The Real Boy of the title is Oscar, a ten-year old orphan who lives in the village of Barrow on the island of Aletheia. Aletheia is a magical island with two major cities, Barrow and the Shining City. Barrow is a working class town with working class residents, while the residents of the Shining City appear to be perfect in every way. At an early age, Oscar was taken in by the Barrows magician, Master Caleb, to be a shop hand. Oscar feels a strong connection to plants and to magic, and he enjoys his day job of grinding herbs and making tinctures for Master Caleb. But Oscar has a secret: late at night when he is, according to Master Caleb’s one very strict rule, supposed to be in bed, he stays up reading in the library. Over time he has gathered much information about herbs and magic – enough to manage the shop himself – although it is the magician’s apprentice Wolf who is in charge in Master Caleb’s absence. When Master Caleb has to leave to visit the continent, Oscar is left under the supervision of Wolf, who constantly mistreats Oscar. Then one day after a trip into the woods, Wolf returns dead and his companion, the village guardian’s apprentice, is never found.
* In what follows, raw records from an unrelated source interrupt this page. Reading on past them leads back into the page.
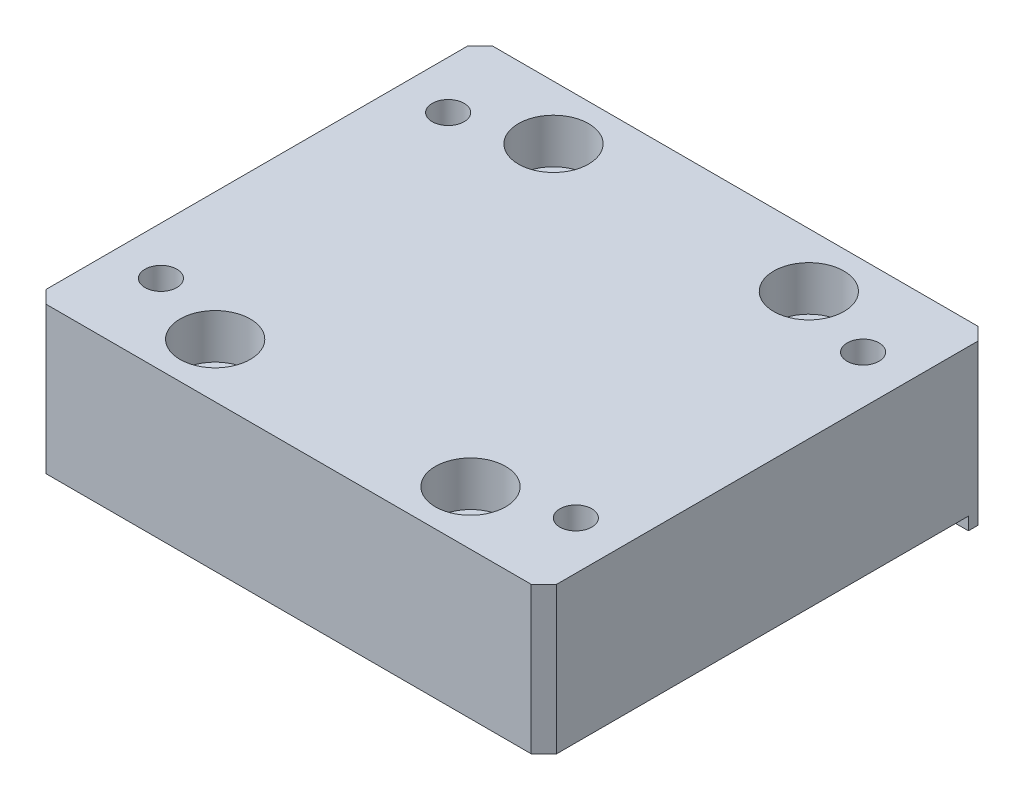
from build123d import *

# Parameters (mm, degrees)
SKETCH_1_W                = 80
SKETCH_1_H                = 70
EXTRUDE_1_DEPTH           = 12.5
SKETCH_3_W                = 80
SKETCH_3_H                = 66.5
CUT_EXTRUDE_1_DEPTH       = 2
HOLE_WIZARD_M5_1_D        = 4.2
HOLE_WIZARD_M6_1_D        = 5
CHAMFER_1_SIZE            = 2
HOLE_WIZARD_1_D           = 6.6
HOLE_WIZARD_1_DEPTH       = 25
HOLE_WIZARD_1_CBORE_D     = 11
HOLE_WIZARD_1_CBORE_DEPTH = 7


with BuildPart() as part:
    # 草图1 → 凸台-拉伸1 (new, symmetric)
    with BuildSketch(Plane(origin=(0, 0, 0), x_dir=(1, 0, 0), z_dir=(0, 1, 0))):
        Rectangle(SKETCH_1_W, SKETCH_1_H)
    extrude(amount=EXTRUDE_1_DEPTH, both=True)

    # 草图3 → 切除-拉伸1 (cut)
    with BuildSketch(Plane.XZ.offset(12.5)):
        with Locations((0, 1.75)):
            Rectangle(SKETCH_3_W, SKETCH_3_H)
    extrude(amount=-CUT_EXTRUDE_1_DEPTH, mode=Mode.SUBTRACT)

    # M5 螺纹孔1 (through all)
    with Locations(Plane(origin=(0, -10.5, 0), x_dir=(-1, 0, 0), z_dir=(0, -1, 0))):
        with Locations((20, 26.5), (-20, 26.5), (-20, -26.5), (20, -26.5)):
            Hole(HOLE_WIZARD_M5_1_D / 2)

    # M6 螺纹孔1 (through all)
    with Locations(Plane(origin=(0, -10.5, 0), x_dir=(-1, 0, 0), z_dir=(0, -1, 0))):
        with Locations((32.5, 22.5), (32.5, -22.5), (-32.5, 22.5), (-32.5, -22.5)):
            Hole(HOLE_WIZARD_M6_1_D / 2)

    # 倒角1
    chamfer_1_edges = [part.edges().sort_by_distance(p)[0] for p in [
        (-40, 0, -35),
        (40, 0, -35),
        (40, 1, 35),
        (-40, 1, 35),
    ]]
    chamfer(chamfer_1_edges, length=CHAMFER_1_SIZE)

    # 打孔尺寸(%根据)内六角花形圆柱头螺钉1
    with Locations(Plane(origin=(0, 12.5, 0), x_dir=(1, 0, 0), z_dir=(0, 1, 0))):
        with Locations((20, 26.5), (20, -26.5), (-20, -26.5), (-20, 26.5)):
            CounterBoreHole(HOLE_WIZARD_1_D / 2, HOLE_WIZARD_1_CBORE_D / 2, HOLE_WIZARD_1_CBORE_DEPTH, depth=HOLE_WIZARD_1_DEPTH)


solid = part.part
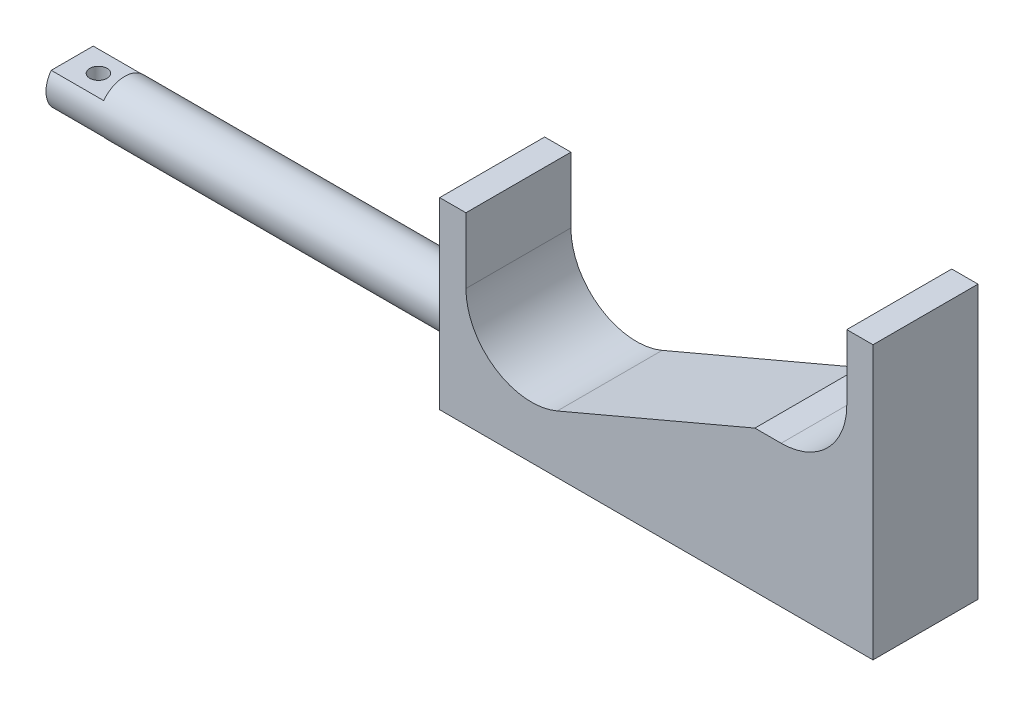
SolidWorks part; units mm, degrees
ref_plane "前视基准面" through (0, 0, 0) normal (0, 0, 1) x (1, 0, 0)
ref_plane "上视基准面" through (0, 0, 0) normal (0, 1, 0) x (1, 0, 0)
ref_plane "右视基准面" through (0, 0, 0) normal (1, 0, 0) x (0, 0, -1)
sketch "草图2" plane through (0, 0, 0) normal (0, 0, 1) x (1, 0, 0)
  line L2 (2.3432, 0.9959) -> (40, 17)
  line L4 (40, 17) -> (45, 17)
  line L6 (-15.046, 12.5) -> (-15.046, 25)
  line L7 (-15.046, 25) -> (-20.046, 25)
  line L8 (-20.046, 25) -> (-20.046, 0)
  line L9 (-20.046, 0) -> (-20.046, -10)
  line L10 (-20.046, -10) -> (40, -10)
  line L11 (40, -10) -> (57.5, -10)
  line L12 (57.5, -10) -> (62.5, -10)
  line L13 (62.5, -10) -> (62.5, 42)
  line L14 (62.5, 42) -> (57.5, 42)
  line L15 (57.5, 42) -> (57.5, 29.5)
  arc A0 (45, 17) -> (57.5, 29.5) centre (45, 29.5) ccw
  arc A1 (-15.046, 12.5) -> (2.3432, 0.9959) centre (-2.546, 12.5) ccw
extrude "凸台-拉伸1" add sketch "草图2" along normal blind 20
sketch "草图3" plane through (-20.046, 0, 0) normal (-1, 0, 0) x (0, 0, 1)
  line L0 (20, -10) -> (0, -10) construction
  circle A0 centre (10, 0) radius 5
  dimension "D1" = 10
extrude "凸台-拉伸2" add sketch "草图3" along normal blind 80
sketch "草图4" plane through (-100.046, 0, 0) normal (-1, 0, 0) x (0, 0, 1)
  line L1 (3.7839, 3) -> (15, 3)
  line L2 (3.7839, 3) -> (3.7839, -3)
  line L3 (3.7839, -3) -> (15, -3)
  line L4 (15, 3) -> (15, -3)
  dimension "D1" = 6
  dimension "D2" = 3
extrude "切除-拉伸1" cut sketch "草图4" against normal blind 10 flip side to cut
hole_wizard "M4 螺纹孔1" positions "草图7" profile "草图6" tap size "M4" standard "Iso"
sketch "草图7" plane through (0, 3, 0) normal (0, 1, 0) x (1, 0, 0)
  point P0 (-95.046, -10)
  point P4 (-95.046, -10)
sketch "草图6" plane through (-95.046, 3, 10) normal (1, 0, 0) x (0, 0, 1)
  line L0 (0, 0) -> (0, 11.0914)
  line L1 (0, 11.0914) -> (1.65, 10.1)
  line L2 (1.65, 10.1) -> (1.65, 0)
  line L5 (1.65, 0) -> (0, 0)
  line L10 (0, 11.0914) -> (-1.65, 10.1) construction
  line L11 (0, -6.35) -> (0, 107.95) construction
  dimension "螺纹孔钻头直径" = 3.3
  dimension "螺纹孔钻头深度" = 10.1
  dimension "导头角度" = 118
cosmetic thread "孔螺蚊线1" parameters "D1"=6, "D2"=4
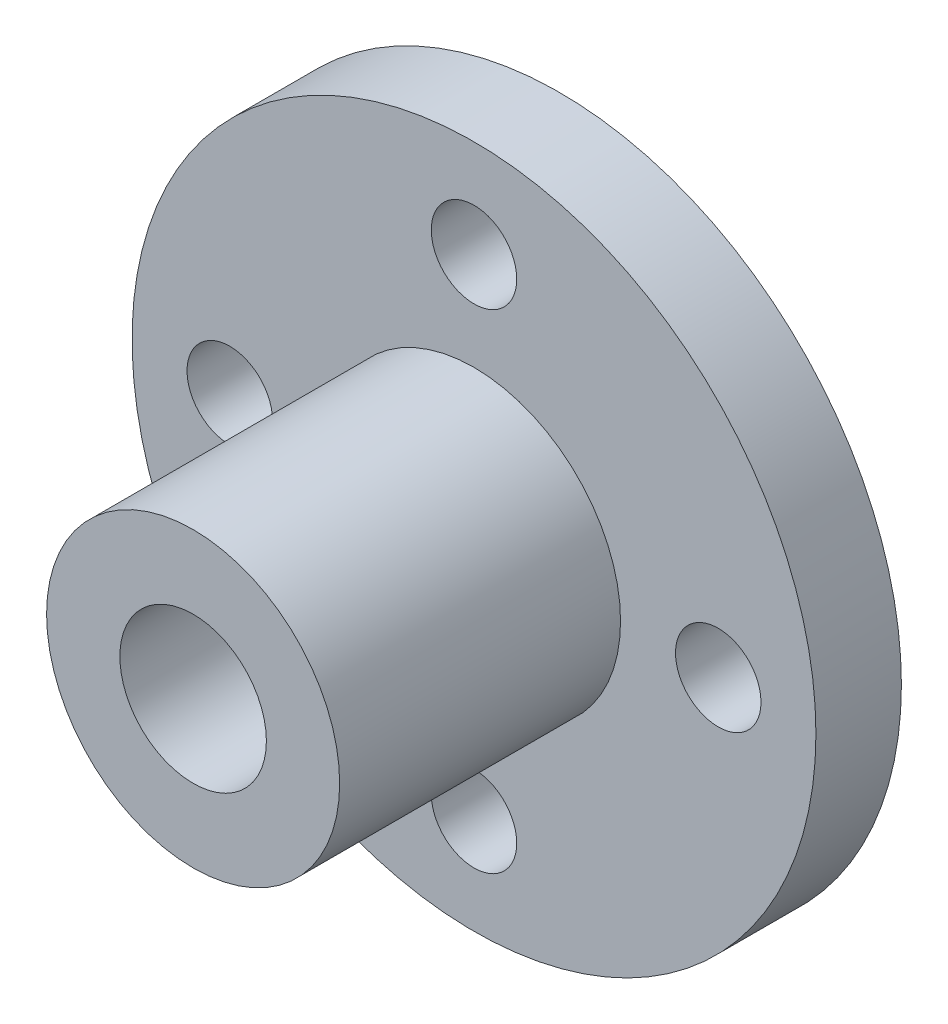
SolidWorks part; units mm, degrees
ref_plane "Front Plane" through (0, 0, 0) normal (0, 0, 1) x (1, 0, 0)
ref_plane "Top Plane" through (0, 0, 0) normal (0, 1, 0) x (1, 0, 0)
ref_plane "Right Plane" through (0, 0, 0) normal (1, 0, 0) x (0, 0, -1)
other "Configuration Table"
sketch "Sketch1" plane through (0, 0, 0) normal (0, 0, 1) x (1, 0, 0)
  circle A0 centre (0, 0) radius 14
  dimension "D1" = 28
extrude "Boss-Extrude1" add sketch "Sketch1" along normal blind 3.5
sketch "Sketch2" plane through (0, 0, 3.5) normal (0, 0, 1) x (1, 0, 0)
  circle A0 centre (0, 0) radius 6
  dimension "D1" = 12
extrude "Boss-Extrude2" add sketch "Sketch2" along normal blind 11.5
sketch "Sketch3" plane through (0, 0, 3.5) normal (0, 0, 1) x (1, 0, 0)
  line L0 (0, 0) -> (0, 10) construction
  circle A0 centre (0, 10) radius 1.75
  dimension "D1" = 3.5
  dimension "D2" = 10
extrude "Cut-Extrude1" cut sketch "Sketch3" against normal blind 11.5
pattern_circular "CirPattern1" count 4 every 90 about axis through (0, 0, 0) along (0, 0, 1) of "Cut-Extrude1"
sketch "Sketch4" plane through (0, 0, 15) normal (0, 0, 1) x (1, 0, 0)
  circle A0 centre (0, 0) radius 3
  dimension "D1" = 6
extrude "Cut-Extrude2" cut sketch "Sketch4" against normal blind 50
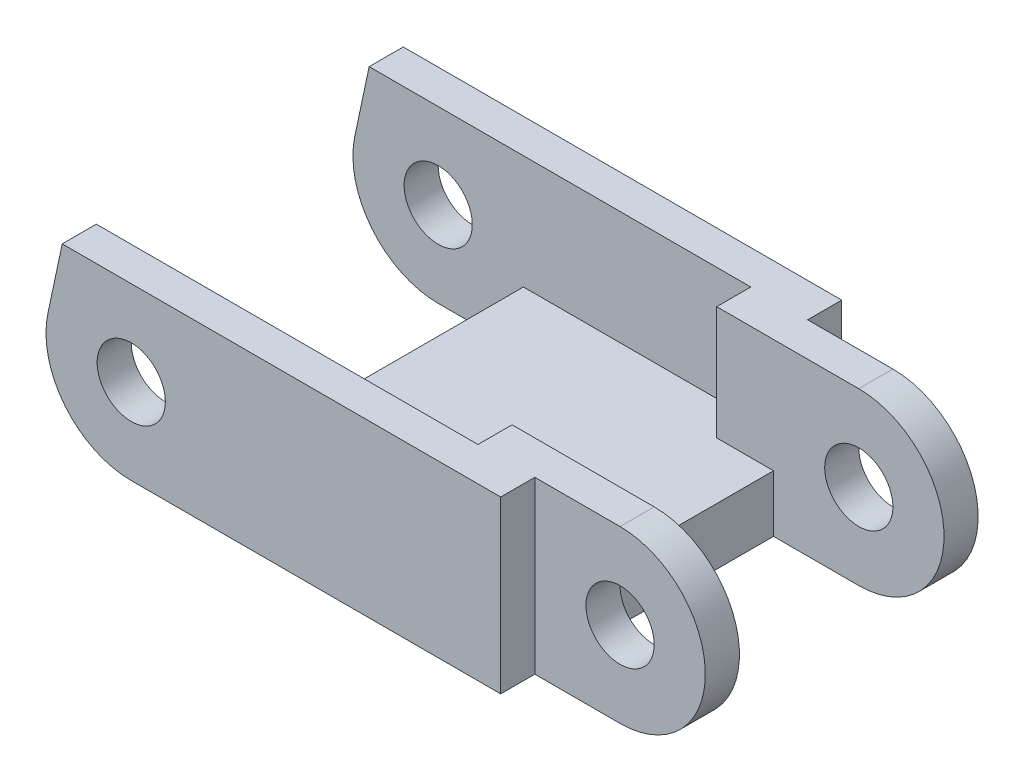
SolidWorks part; units mm, degrees
ref_plane "Front Plane" through (0, 0, 0) normal (0, 0, 1) x (1, 0, 0)
ref_plane "Top Plane" through (0, 0, 0) normal (0, 1, 0) x (1, 0, 0)
ref_plane "Right Plane" through (0, 0, 0) normal (1, 0, 0) x (0, 0, -1)
other "Configuration Table"
sketch "Sketch1" plane through (0, 0, 0) normal (0, 0, 1) x (1, 0, 0)
  line L0 (1.9256, 9.0593) -> (3.1883, 15)
  line L1 (3.1883, 15) -> (49.2617, 15)
  line L3 (49.2617, 0) -> (9.2617, 0)
  arc A0 (1.9256, 9.0593) -> (9.2617, 0) centre (9.2617, 7.5) ccw
  circle A1 centre (9.2617, 7.5) radius 3
  arc A2 (49.2617, 0) -> (49.2617, 15) centre (49.2617, 7.5) ccw
  circle A3 centre (49.2617, 7.5) radius 3
  point P7 (0, 0)
  dimension "D2" = 7.5
  dimension "D3" = 6
  dimension "D6" = 6
  dimension "D1" = 78
  dimension "D4" = 15
  dimension "D5" = 40
extrude "Boss-Extrude1" add sketch "Sketch1" along normal blind 30
sketch "Sketch2" plane through (0, 15, 0) normal (0, 1, 0) x (1, 0, 0)
  line L0 (1.7617, 0) -> (1.7617, -30) construction
  line L1 (-13.2383, -3) -> (16.7617, -3)
  line L2 (-13.2383, -3) -> (-13.2383, -27)
  line L3 (-13.2383, -27) -> (16.7617, -27)
  line L4 (16.7617, -3) -> (16.7617, -27)
  line L5 (1.7617, -27) -> (1.7617, -3) construction
  line L6 (-13.2383, -15) -> (16.7617, -15) construction
  line L7 (1.7617, -15) -> (69.019, -15) construction
  line L8 (41.7617, 3) -> (71.7617, 3)
  line L9 (41.7617, 3) -> (41.7617, -3)
  line L10 (41.7617, -3) -> (71.7617, -3)
  line L11 (71.7617, 3) -> (71.7617, -3)
  line L12 (56.7617, -3) -> (56.7617, 3) construction
  line L13 (41.7617, 0) -> (71.7617, 0) construction
  line L14 (41.7617, -27) -> (71.7617, -27)
  line L15 (41.7617, -27) -> (41.7617, -33)
  line L16 (41.7617, -33) -> (71.7617, -33)
  line L17 (71.7617, -27) -> (71.7617, -33)
  line L18 (56.7617, -33) -> (56.7617, -27) construction
  line L19 (41.7617, -30) -> (71.7617, -30) construction
  point P0 (1.7617, -15)
  point P6 (56.7617, 0)
  point P10 (56.7617, -30)
  dimension "D1" = 15
  dimension "D2" = 15
  dimension "D3" = 24
  dimension "D4" = 15
  dimension "D5" = 24
extrude "Cut-Extrude1" cut sketch "Sketch2" against normal blind 30
sketch "Sketch3" plane through (0, 15, 0) normal (0, 1, 0) x (1, 0, 0)
  line L0 (16.7617, -27) -> (16.7617, -3) construction
  line L1 (-3.2383, -3) -> (36.7617, -3)
  line L2 (-3.2383, -3) -> (-3.2383, -27)
  line L3 (-3.2383, -27) -> (36.7617, -27)
  line L4 (36.7617, -3) -> (36.7617, -6)
  line L5 (16.7617, -27) -> (16.7617, -24) construction
  line L6 (-3.2383, -15) -> (36.7617, -15) construction
  line L7 (16.7617, -15) -> (16.7617, -3) construction
  line L8 (36.7617, -6) -> (65.3752, -6)
  line L10 (36.7617, -24) -> (65.3752, -24)
  line L11 (65.3752, -6) -> (65.3752, -24)
  line L13 (16.7617, -15) -> (65.3752, -15) construction
  line L14 (36.7617, -24) -> (36.7617, -27)
  point P0 (16.7617, -15)
  dimension "D1" = 20
  dimension "D2" = 24
  dimension "D3" = 18
extrude "Cut-Extrude2" cut sketch "Sketch3" against normal blind 10
sketch "Sketch4" plane through (0, 5, 0) normal (0, 1, 0) x (1, 0, 0)
  line L0 (56.3328, -24) -> (56.3328, -6) construction
  line L1 (70.9039, -24) -> (41.7617, -24)
  line L2 (70.9039, -24) -> (70.9039, -6)
  line L3 (70.9039, -6) -> (41.7617, -6)
  line L4 (41.7617, -24) -> (41.7617, -6)
  line L5 (56.3328, -6) -> (56.3328, -24) construction
  line L6 (70.9039, -15) -> (41.7617, -15) construction
  line L8 (41.7617, 0) -> (41.7617, -3) construction
  point P0 (56.3328, -15)
extrude "Cut-Extrude3" cut sketch "Sketch4" against normal blind 12
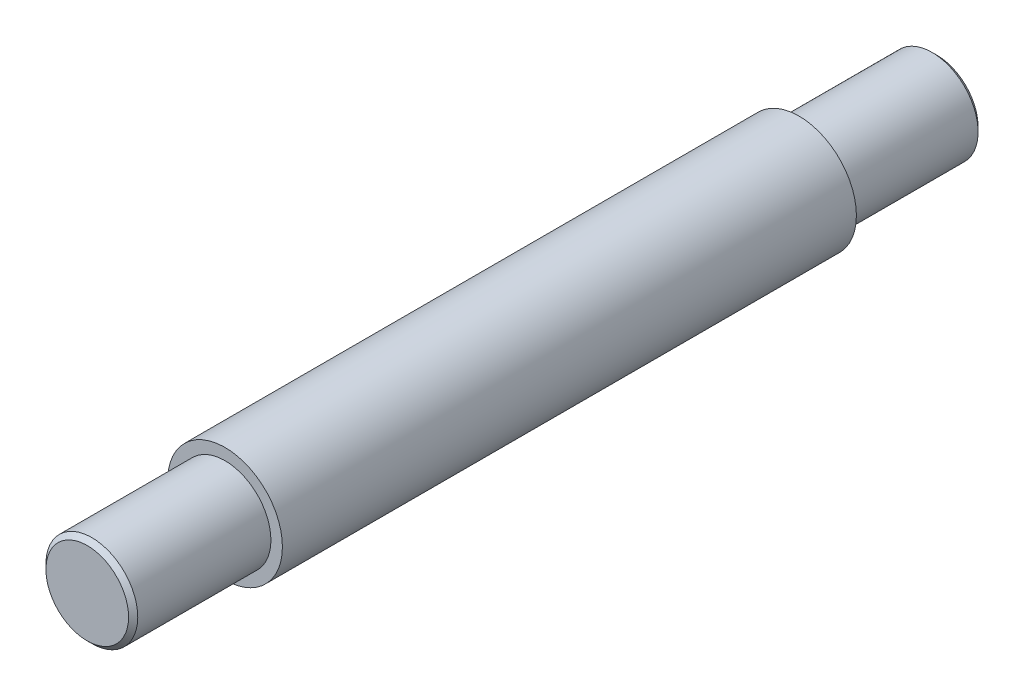
from build123d import *

# Parameters (mm, degrees)
SKETCH1_R           = 12.5
BOSS_EXTRUDE1_DEPTH = 62.5
SKETCH2_R           = 10
BOSS_EXTRUDE2_DEPTH = 30
BOSS_EXTRUDE3_START = 30
SKETCH3_R           = 10
BOSS_EXTRUDE3_DEPTH = 30
CHAMFER1_SIZE       = 1


with BuildPart() as part:
    # Sketch1 → Boss-Extrude1 (new, symmetric)
    with BuildSketch(Plane.XY):
        Circle(SKETCH1_R)
    extrude(amount=BOSS_EXTRUDE1_DEPTH, both=True)

    # Sketch2 → Boss-Extrude2 (add)
    with BuildSketch(Plane.XY.offset(62.5)):
        Circle(SKETCH2_R)
    extrude(amount=BOSS_EXTRUDE2_DEPTH)

    # Sketch3 → Boss-Extrude3 (add)
    with BuildSketch(Plane(origin=(0, 0, -62.5), x_dir=(-1, 0, 0), z_dir=(0, 0, -1)).offset(BOSS_EXTRUDE3_START)):
        with Locations(Location((0, 0, 0), (0, 0, 180))):
            Circle(SKETCH3_R)
    extrude(amount=-BOSS_EXTRUDE3_DEPTH)

    # Chamfer1
    chamfer1_edges = [part.edges().sort_by_distance(p)[0] for p in [
        (-10, 0, -92.5),
        (-10, 0, 92.5),
    ]]
    chamfer(chamfer1_edges, length=CHAMFER1_SIZE)


solid = part.part

Left on his own to run the shop, Oscar eventually begins to rely on the help of a new acquaintance, Callie, the healer’s apprentice, who helps him talk to the shop’s customers. While Oscar and Callie are becoming friends, Aletheia begins to fall apart in several ways. The seemingly flawless children from the nearby Shining City begin to show troubling flaws: one can’t speak, another can’t eat, and still another can’t remember anything. Meanwhile, the shops in the Barrow village are being ravaged by a monster with an insatiable hunger to consume anything to do with magic. It is up to Oscar and Callie to determine the cause of these catastrophes and to put a stop to them. Through the course of the novel, Oscar realizes that the City people are not what they seem, and that it is the “real boy”, the working class orphan from the blue collar town of Barrow, who is needed to save the day.
I first heard about Ms. Ursu and her books on the Read Aloud Revival website through their Live Author Event for one of her other novels, Breadcrumbs (a spectacular book, itself). I loved how open she was about her experiences, her creative process, and the amount of time and effort that goes into writing a book. I am really looking forward to my next Anne Ursu story!